# Neuter the LGD's?



## FLFKY

Got two male LGD Pyr dogs that are about 6 months old and I've got them in with 3 sheep around the same age. They're good at guarding, but lately they like to chase after the sheep and try to mate with them. 

The ram is a bit of a pushover and has rammed the dogs, but the dogs think he's playing around and just kind of brush it off. I'm thinking it's time to neuter the dogs......


----------



## mekasmom

I wouldn't neuter and LGD at 6mo. And, actually, I just wouldn't neuter an LGD at all. 
I have spayed the girls, but always feel guilty about it because it messes up their hips if you do it too early.
And neutering won't stop this behavior anyway. It is a dominance issue. You just have to correct them over and over.


----------



## FLFKY

Any good pointers on how to stop it?


----------



## Stonybrook

Why not neuter?


----------



## Kits&Kids

I know with the akbash breed fixing them has no efect on their garding ability weather male of female. It sounds like you need to change somthing.snip snip...


----------



## Chief Cook

This post made me laugh out loud. I was on the way to town one pretty Spring morning and a large white Great Pyranise (sp. sorry) stopped to "water" a sign post then continued across the road, followed by his entire flock of sheep! A friend of mine had a female cowdog in heat not far from where they were crossing the road. I would have loved to see her face when that Romeo and his "crew" showed up. Her female was in a locked and covered kennel, as she didn't want pups at the time.
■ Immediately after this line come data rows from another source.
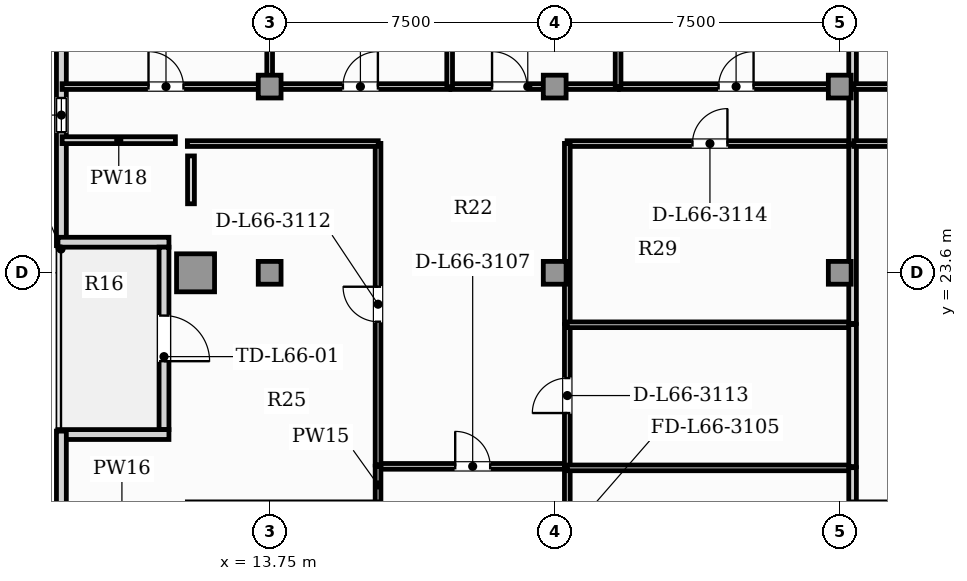
"""IFC4 building model, lengths in metres.
Left out: names, types, materials, properties, quantities, classifications, styles, units other than length and angle.
Written with IfcOpenShell. Run it as: python <this file> out.ifc"""

import sys

from ifc_helpers import new_model, si_unit, direction, frame, frame_2d, origin, origin_2d, place, context, subcontext, project, spatial, rectangle, hollow_rectangle, extrude, element, fill, save


model = new_model("IFC4")
c1 = context("Model", 3, precision=1e-05, world=origin(), true_north=direction((0.0, 1.0)))
c2 = subcontext(c1, "Body", "Model", "MODEL_VIEW")
j1 = project(units=[si_unit("LENGTHUNIT", "METRE"), si_unit("PLANEANGLEUNIT", "RADIAN")], contexts=[c1])
p1 = place(None, origin())
s1 = spatial("IfcSite", under=j1, at=p1, CompositionType="ELEMENT")
p2 = place(p1, origin())
s2 = spatial("IfcBuilding", under=s1, at=p2, CompositionType="ELEMENT")
p3 = place(p2, frame((0.0, 0.0, 268.3)))
s3 = spatial("IfcBuildingStorey", under=s2, at=p3, CompositionType="ELEMENT", Elevation=268.3)
p4 = place(p3, frame((11.8, 23.6, 0.0), z_axis=(0.0, 0.0, 1.0), x_axis=(1.0, 0.0, 0.0)))
e1 = element("IfcColumn", 1, at=p4, inside=s3, PredefinedType="USERDEFINED", context=c2, shape_type="SweptSolid", body=[
    extrude(hollow_rectangle(XDim=1.0, YDim=1.0, WallThickness=0.06, at=origin_2d()), origin(), (0.0, 0.0, 1.0), 3.85),
])
for number, where, z_axis, x_axis in (
    (2, (13.75, 23.6, 0.0), (0.0, 0.0, 1.0), (1.0, 0.0, 0.0)),
    (3, (21.25, 23.6, 0.0), (0.0, 0.0, 1.0), (1.0, 0.0, 0.0)),
    (4, (28.75, 23.6, 0.0), (0.0, 0.0, 1.0), (1.0, 0.0, 0.0)),
    (5, (13.75, 28.5, 0.0), (0.0, 0.0, 1.0), (1.0, 0.0, 0.0)),
    (6, (21.25, 28.5, 0.0), (0.0, 0.0, 1.0), (1.0, 0.0, 0.0)),
    (7, (28.75, 28.5, 0.0), (0.0, 0.0, 1.0), (1.0, 0.0, 0.0)),
):
    element("IfcColumn", number, at=place(p3, frame(where, z_axis=z_axis, x_axis=x_axis)), inside=s3, PredefinedType="COLUMN", context=c2, shape_type="SweptSolid", body=[
        extrude(rectangle(XDim=0.6, YDim=0.6, at=origin_2d()), origin(), (0.0, 0.0, 1.0), 3.85),
    ])
p5 = place(p3, frame((8.27, 32.109, 0.0), z_axis=(0.0, 0.0, 1.0), x_axis=(0.0, -1.0, 0.0)))
e8 = element("IfcWall", 8, at=p5, inside=s3, PredefinedType="SOLIDWALL", context=c2, shape_type="SweptSolid", body=[
    extrude(rectangle(XDim=7.795, YDim=0.26, at=frame_2d((3.897, 0.0))), origin(), (0.0, 0.0, 1.0), 3.65),
])
p6 = place(p5, frame((3.909, 0.0, 0.95)))
e9 = element("IfcOpeningElement", 9, at=p6, cuts=e8, PredefinedType="OPENING", context=c2, shape_type="SweptSolid", body=[
    extrude(rectangle(XDim=0.9, YDim=1.5, at=frame_2d((0.45, 0.75))), frame((0.0, 0.14, 0.0), z_axis=(0.0, -1.0, 0.0), x_axis=(1.0, 0.0, 0.0)), (0.0, 0.0, 1.0), 0.28),
])
p7 = place(p3, frame((8.18, 24.405, 0.0), z_axis=(0.0, 0.0, 1.0), x_axis=(1.0, 0.0, 0.0)))
e10 = element("IfcWall", 10, at=p7, inside=s3, PredefinedType="SOLIDWALL", context=c2, shape_type="SweptSolid", body=[
    extrude(rectangle(XDim=2.92, YDim=0.26, at=frame_2d((1.46, 0.0))), origin(), (0.0, 0.0, 1.0), 3.65),
])
p8 = place(p3, frame((10.97, 24.275, 0.0), z_axis=(0.0, 0.0, 1.0), x_axis=(0.0, -1.0, 0.0)))
e11 = element("IfcWall", 11, at=p8, inside=s3, PredefinedType="SOLIDWALL", context=c2, shape_type="SweptSolid", body=[
    extrude(rectangle(XDim=4.8, YDim=0.26, at=frame_2d((2.4, 0.0))), origin(), (0.0, 0.0, 1.0), 3.19),
])
p9 = place(p8, frame((1.8, 0.0, 0.0)))
e12 = element("IfcOpeningElement", 12, at=p9, cuts=e11, PredefinedType="OPENING", context=c2, shape_type="SweptSolid", body=[
    extrude(rectangle(XDim=1.2, YDim=2.2, at=frame_2d((0.6, 1.1))), frame((0.0, 0.14, 0.0), z_axis=(0.0, -1.0, 0.0), x_axis=(1.0, 0.0, 0.0)), (0.0, 0.0, 1.0), 0.28),
])
p10 = place(p3, frame((11.1, 19.345, 0.0), z_axis=(0.0, 0.0, 1.0), x_axis=(-1.0, 0.0, 0.0)))
e13 = element("IfcWall", 13, at=p10, inside=s3, PredefinedType="SOLIDWALL", context=c2, shape_type="SweptSolid", body=[
    extrude(rectangle(XDim=2.92, YDim=0.26, at=frame_2d((1.46, 0.0))), origin(), (0.0, 0.0, 1.0), 3.65),
])
p11 = place(p3, frame((8.27, 19.435, 0.0), z_axis=(0.0, 0.0, 1.0), x_axis=(0.0, -1.0, 0.0)))
e14 = element("IfcWall", 14, at=p11, inside=s3, PredefinedType="SOLIDWALL", context=c2, shape_type="SweptSolid", body=[
    extrude(rectangle(XDim=16.195, YDim=0.26, at=frame_2d((8.097, 0.0))), origin(), (0.0, 0.0, 1.0), 3.65),
])
p12 = place(p11, frame((13.025, 0.0, 0.85)))
e15 = element("IfcOpeningElement", 15, at=p12, cuts=e14, PredefinedType="OPENING", context=c2, shape_type="SweptSolid", body=[
    extrude(rectangle(XDim=2.4, YDim=2.0, at=frame_2d((1.2, 1.0))), frame((0.0, 0.14, 0.0), z_axis=(0.0, -1.0, 0.0), x_axis=(1.0, 0.0, 0.0)), (0.0, 0.0, 1.0), 0.28),
])
p13 = place(p3, frame((16.597, 18.507, 0.0), z_axis=(0.0, 0.0, 1.0), x_axis=(1.0, 0.0, 0.0)))
e16 = element("IfcWall", 16, at=p13, inside=s3, PredefinedType="PARTITIONING", context=c2, shape_type="SweptSolid", body=[
    extrude(rectangle(XDim=4.99, YDim=0.15, at=frame_2d((2.495, 0.0))), origin(), (0.0, 0.0, 1.0), 3.65),
])
p14 = place(p13, frame((2.035, 0.0, 0.0)))
e17 = element("IfcOpeningElement", 17, at=p14, cuts=e16, PredefinedType="OPENING", context=c2, shape_type="SweptSolid", body=[
    extrude(rectangle(XDim=0.92, YDim=2.1, at=frame_2d((0.46, 1.05))), frame((0.0, 0.085, 0.0), z_axis=(0.0, -1.0, 0.0), x_axis=(1.0, 0.0, 0.0)), (0.0, 0.0, 1.0), 0.17),
])
p15 = place(p3, frame((16.602, 17.525, 0.0), z_axis=(0.0, 0.0, 1.0), x_axis=(0.0, 1.0, 0.0)))
e18 = element("IfcWall", 18, at=p15, inside=s3, PredefinedType="PARTITIONING", context=c2, shape_type="SweptSolid", body=[
    extrude(rectangle(XDim=0.987, YDim=0.15, at=frame_2d((0.494, 0.0))), origin(), (0.0, 0.0, 1.0), 3.65),
])
p16 = place(p3, frame((21.582, 15.695, 0.0), z_axis=(0.0, 0.0, 1.0), x_axis=(0.0, 1.0, 0.0)))
e19 = element("IfcWall", 19, at=p16, inside=s3, PredefinedType="PARTITIONING", context=c2, shape_type="SweptSolid", body=[
    extrude(rectangle(XDim=2.777, YDim=0.15, at=frame_2d((1.389, 0.0))), origin(), (0.0, 0.0, 1.0), 3.65),
])
p17 = place(p16, frame((0.929, 0.0, 0.0)))
e20 = element("IfcOpeningElement", 20, at=p17, cuts=e19, PredefinedType="OPENING", context=c2, shape_type="SweptSolid", body=[
    extrude(rectangle(XDim=0.92, YDim=2.1, at=frame_2d((0.46, 1.05))), frame((0.0, 0.085, 0.0), z_axis=(0.0, -1.0, 0.0), x_axis=(1.0, 0.0, 0.0)), (0.0, 0.0, 1.0), 0.17),
])
p18 = place(p3, frame((16.602, 18.542, 0.0), z_axis=(0.0, 0.0, 1.0), x_axis=(0.0, 1.0, 0.0)))
e21 = element("IfcWall", 21, at=p18, inside=s3, PredefinedType="PARTITIONING", context=c2, shape_type="SweptSolid", body=[
    extrude(rectangle(XDim=8.463, YDim=0.15, at=frame_2d((4.231, 0.0))), origin(), (0.0, 0.0, 1.0), 3.65),
])
p19 = place(p18, frame((3.771, 0.0, 0.0)))
e22 = element("IfcOpeningElement", 22, at=p19, cuts=e21, PredefinedType="OPENING", context=c2, shape_type="SweptSolid", body=[
    extrude(rectangle(XDim=0.92, YDim=2.1, at=frame_2d((0.46, 1.05))), frame((0.0, 0.085, 0.0), z_axis=(0.0, -1.0, 0.0), x_axis=(1.0, 0.0, 0.0)), (0.0, 0.0, 1.0), 0.17),
])
p20 = place(p3, frame((11.585, 27.0, 0.0), z_axis=(0.0, 0.0, 1.0), x_axis=(1.0, 0.0, 0.0)))
e23 = element("IfcWall", 23, at=p20, inside=s3, PredefinedType="PARTITIONING", context=c2, shape_type="SweptSolid", body=[
    extrude(rectangle(XDim=5.022, YDim=0.15, at=frame_2d((2.511, 0.0))), origin(), (0.0, 0.0, 1.0), 3.65),
])
p21 = place(p3, frame((21.582, 18.502, 0.0), z_axis=(0.0, 0.0, 1.0), x_axis=(0.0, 1.0, 0.0)))
e24 = element("IfcWall", 24, at=p21, inside=s3, PredefinedType="PARTITIONING", context=c2, shape_type="SweptSolid", body=[
    extrude(rectangle(XDim=3.736, YDim=0.15, at=frame_2d((1.868, 0.0))), origin(), (0.0, 0.0, 1.0), 3.65),
])
p22 = place(p21, frame((1.408, 0.0, 0.0)))
e25 = element("IfcOpeningElement", 25, at=p22, cuts=e24, PredefinedType="OPENING", context=c2, shape_type="SweptSolid", body=[
    extrude(rectangle(XDim=0.92, YDim=2.1, at=frame_2d((0.46, 1.05))), frame((0.0, 0.085, 0.0), z_axis=(0.0, -1.0, 0.0), x_axis=(1.0, 0.0, 0.0)), (0.0, 0.0, 1.0), 0.17),
])
p23 = place(p3, frame((21.577, 27.0, 0.0), z_axis=(0.0, 0.0, 1.0), x_axis=(1.0, 0.0, 0.0)))
e26 = element("IfcWall", 26, at=p23, inside=s3, PredefinedType="PARTITIONING", context=c2, shape_type="SweptSolid", body=[
    extrude(rectangle(XDim=7.516, YDim=0.15, at=frame_2d((3.758, 0.0))), origin(), (0.0, 0.0, 1.0), 3.65),
])
p24 = place(p23, frame((3.298, 0.0, 0.0)))
e27 = element("IfcOpeningElement", 27, at=p24, cuts=e26, PredefinedType="OPENING", context=c2, shape_type="SweptSolid", body=[
    extrude(rectangle(XDim=0.92, YDim=2.1, at=frame_2d((0.46, 1.05))), frame((0.0, 0.085, 0.0), z_axis=(0.0, -1.0, 0.0), x_axis=(1.0, 0.0, 0.0)), (0.0, 0.0, 1.0), 0.17),
])
p25 = place(p3, frame((21.582, 22.268, 0.0), z_axis=(0.0, 0.0, 1.0), x_axis=(0.0, 1.0, 0.0)))
e28 = element("IfcWall", 28, at=p25, inside=s3, PredefinedType="PARTITIONING", context=c2, shape_type="SweptSolid", body=[
    extrude(rectangle(XDim=4.737, YDim=0.15, at=frame_2d((2.368, 0.0))), origin(), (0.0, 0.0, 1.0), 3.65),
])
p26 = place(p3, frame((8.289, 28.5, 0.0), z_axis=(0.0, 0.0, 1.0), x_axis=(1.0, 0.0, 0.0)))
e29 = element("IfcWall", 29, at=p26, inside=s3, PredefinedType="PARTITIONING", context=c2, shape_type="SweptSolid", body=[
    extrude(rectangle(XDim=5.466, YDim=0.15, at=frame_2d((2.733, 0.0))), origin(), (0.0, 0.0, 1.0), 3.65),
])
p27 = place(p26, frame((2.273, 0.0, 0.0)))
e30 = element("IfcOpeningElement", 30, at=p27, cuts=e29, PredefinedType="OPENING", context=c2, shape_type="SweptSolid", body=[
    extrude(rectangle(XDim=0.92, YDim=2.1, at=frame_2d((0.46, 1.05))), frame((0.0, 0.085, 0.0), z_axis=(0.0, -1.0, 0.0), x_axis=(1.0, 0.0, 0.0)), (0.0, 0.0, 1.0), 0.17),
])
p28 = place(p3, frame((13.785, 28.5, 0.0), z_axis=(0.0, 0.0, 1.0), x_axis=(1.0, 0.0, 0.0)))
e31 = element("IfcWall", 31, at=p28, inside=s3, PredefinedType="PARTITIONING", context=c2, shape_type="SweptSolid", body=[
    extrude(rectangle(XDim=4.706, YDim=0.15, at=frame_2d((2.353, 0.0))), origin(), (0.0, 0.0, 1.0), 3.105),
])
p29 = place(p28, frame((1.893, 0.0, 0.0)))
e32 = element("IfcOpeningElement", 32, at=p29, cuts=e31, PredefinedType="OPENING", context=c2, shape_type="SweptSolid", body=[
    extrude(rectangle(XDim=0.92, YDim=2.1, at=frame_2d((0.46, 1.05))), frame((0.0, 0.085, 0.0), z_axis=(0.0, -1.0, 0.0), x_axis=(1.0, 0.0, 0.0)), (0.0, 0.0, 1.0), 0.17),
])
p30 = place(p3, frame((18.521, 28.5, 0.0), z_axis=(0.0, 0.0, 1.0), x_axis=(1.0, 0.0, 0.0)))
e33 = element("IfcWall", 33, at=p30, inside=s3, PredefinedType="PARTITIONING", context=c2, shape_type="SweptSolid", body=[
    extrude(rectangle(XDim=4.402, YDim=0.15, at=frame_2d((2.201, 0.0))), origin(), (0.0, 0.0, 1.0), 3.105),
])
p31 = place(p30, frame((1.081, 0.0, 0.0)))
e34 = element("IfcOpeningElement", 34, at=p31, cuts=e33, PredefinedType="OPENING", context=c2, shape_type="SweptSolid", body=[
    extrude(rectangle(XDim=0.92, YDim=2.1, at=frame_2d((0.46, 1.05))), frame((0.0, 0.085, 0.0), z_axis=(0.0, -1.0, 0.0), x_axis=(1.0, 0.0, 0.0)), (0.0, 0.0, 1.0), 0.17),
])
p32 = place(p3, frame((22.953, 28.5, 0.0), z_axis=(0.0, 0.0, 1.0), x_axis=(1.0, 0.0, 0.0)))
e35 = element("IfcWall", 35, at=p32, inside=s3, PredefinedType="PARTITIONING", context=c2, shape_type="SweptSolid", body=[
    extrude(rectangle(XDim=6.14, YDim=0.15, at=frame_2d((3.07, 0.0))), origin(), (0.0, 0.0, 1.0), 3.105),
])
p33 = place(p32, frame((2.61, 0.0, 0.0)))
e36 = element("IfcOpeningElement", 36, at=p33, cuts=e35, PredefinedType="OPENING", context=c2, shape_type="SweptSolid", body=[
    extrude(rectangle(XDim=0.92, YDim=2.1, at=frame_2d((0.46, 1.05))), frame((0.0, 0.085, 0.0), z_axis=(0.0, -1.0, 0.0), x_axis=(1.0, 0.0, 0.0)), (0.0, 0.0, 1.0), 0.17),
])
p34 = place(p3, frame((29.088, 26.995, 0.0), z_axis=(0.0, 0.0, 1.0), x_axis=(0.0, 1.0, 0.0)))
e37 = element("IfcWall", 37, at=p34, inside=s3, PredefinedType="PARTITIONING", context=c2, shape_type="SweptSolid", body=[
    extrude(rectangle(XDim=1.51, YDim=0.2, at=frame_2d((0.755, 0.0))), origin(), (0.0, 0.0, 1.0), 3.65),
])
p35 = place(p3, frame((21.577, 18.468, 0.0), z_axis=(0.0, 0.0, 1.0), x_axis=(1.0, 0.0, 0.0)))
e38 = element("IfcWall", 38, at=p35, inside=s3, PredefinedType="PARTITIONING", context=c2, shape_type="SweptSolid", body=[
    extrude(rectangle(XDim=7.516, YDim=0.15, at=frame_2d((3.758, 0.0))), origin(), (0.0, 0.0, 1.0), 3.65),
])
p36 = place(p3, frame((29.088, 17.525, 0.0), z_axis=(0.0, 0.0, 1.0), x_axis=(0.0, 1.0, 0.0)))
e39 = element("IfcWall", 39, at=p36, inside=s3, PredefinedType="PARTITIONING", context=c2, shape_type="SweptSolid", body=[
    extrude(rectangle(XDim=0.948, YDim=0.2, at=frame_2d((0.474, 0.0))), origin(), (0.0, 0.0, 1.0), 3.65),
])
p37 = place(p3, frame((21.577, 22.233, 0.0), z_axis=(0.0, 0.0, 1.0), x_axis=(1.0, 0.0, 0.0)))
e40 = element("IfcWall", 40, at=p37, inside=s3, PredefinedType="PARTITIONING", context=c2, shape_type="SweptSolid", body=[
    extrude(rectangle(XDim=7.516, YDim=0.15, at=frame_2d((3.758, 0.0))), origin(), (0.0, 0.0, 1.0), 3.65),
])
p38 = place(p3, frame((29.088, 18.502, 0.0), z_axis=(0.0, 0.0, 1.0), x_axis=(0.0, 1.0, 0.0)))
e41 = element("IfcWall", 41, at=p38, inside=s3, PredefinedType="PARTITIONING", context=c2, shape_type="SweptSolid", body=[
    extrude(rectangle(XDim=3.736, YDim=0.2, at=frame_2d((1.868, 0.0))), origin(), (0.0, 0.0, 1.0), 3.65),
])
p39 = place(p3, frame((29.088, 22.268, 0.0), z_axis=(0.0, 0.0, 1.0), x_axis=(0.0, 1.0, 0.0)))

Just wondering, does it change the way the dog guards his flock if he is fixed?


----------



## Maura

Dogs shouldn't be fixed until they have finished their long bone growth and have gone into their broadening growth. For tiny dogs this may mean nine months of age. For giant dogs this may mean waiting until they are 2 1/2 or 3 years old. If you neuter early their bodies do not kick in the adolescent hormones and instead of filling out, they simply get taller. For a heavy breed with known hip problems, this is not a good idea. Not everyone agrees with this and it is controversial. Some people say that early neutering doesn't allow the dog to mentally mature, which you want with a working dog.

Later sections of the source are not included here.